- The Coat of Arms of the head of the Nightingale family: Per pale ermine and gules a rose counterchanged. Crest- An ibex sejant argent tufted, armed, and maned or.
- Creation date: 1st of September, 1628
- Created by: King Charles I of England
- Baronetage: Baronetage of England
- First holder: Sir Thomas Nightingale, 1st Baronet
- Last holder: Sir Charles Athelstan Nightingale, 16th Baronet
- Present holder: Sir Charles Manners Gamaliel Nightingale, 17th Baronet
- Heir presumptive: Thomas Lacy Manners Nightingale
- Remainder to: The male heirs, of the first baronet, lawfully begotten
- Status: Active
- Former seats: Kneesworth Hall, South Cambridgeshire
- Motto: Pro Rege et Patria ("For King and Country”)

= Nightingale baronets =

Title in the Baronetage of England

The Nightingale Baronetcy of Newport Pond is a title in the Baronetage of England and a rank in the British aristocracy. It was created by King Charles I of England, on 1 September (1628), and is one of the oldest baronetcies to remain active in England.

==History==
To date, it has had seventeen baronets since its inception, beginning with Sir Thomas Nightingale (d. 1645) who was appointed the High Sheriff of Essex in 1627. The fourth baronet, Sir Robert Nightingale (d. 1722), was a director, and eventually chairman, of the Honourable East India Company in London, England. After his death, the title and its assets should have passed down to Edward Nightingale (b. 1659 d. 1723). However, the estate was inherited by his younger cousin, Joseph Gascoigne, who adopted the name and coat of arms of the family, but not the title. A Member of Parliament for Stafford, who sat in the House of Commons from 1727 to 1734, Joseph was educated at Trinity College and married to Lady Elizabeth Shirley, who was the eldest daughter of Washington Shirley, 2nd Earl Ferrers, of Chartley (m.1725). She died following the premature birth of her eldest daughter. Together, she and Joseph had three sons named Washington, Joseph, and Robert. Shortly after her death, Elizabeth's first two sons also died, leaving just Washington and his father alive.

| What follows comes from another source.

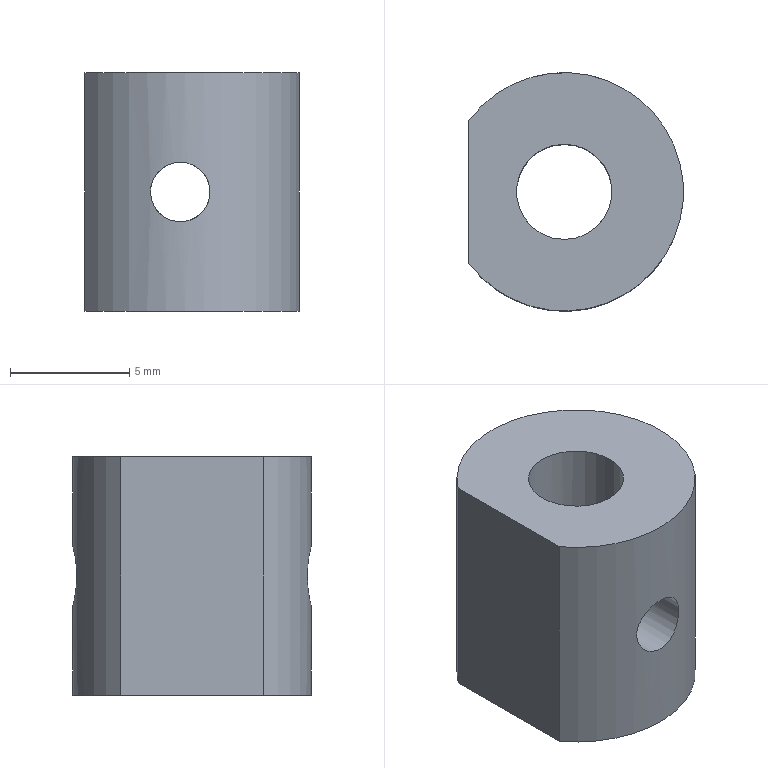Component | NX | 22B__27_2 | 1 solid | 7 faces | volume 589 mm3 | cylinder 4 | plane 3 | commonest cylinder face diameters 2.5 x2 10 x1 4 x1

After ending his time as a Member of Parliament, Joseph later moved to Mamhead House in Devon for respite and recovery, but died in July 1752. He and his wife, Lady Elizabeth, were later buried in the North Ambulatory of Westminster Abbey. Grieving for the loss of his family, Washington created a monument located in aforementioned, sculpted by Louis-Francois Roubiliac. The sculpture is seen depicting a skeleton, representing death, emerging from his prison to aim a deadly dart at Elizabeth, who is being protected by her husband. Dying two years after his father in 1754, Washington never saw the monument completed, which was finished in 1761. He died with no heir apparent and the rights to the baronetcy were later established by Sir Edward Nightingale (1760–1804), who became the 10th Baronet in 1797.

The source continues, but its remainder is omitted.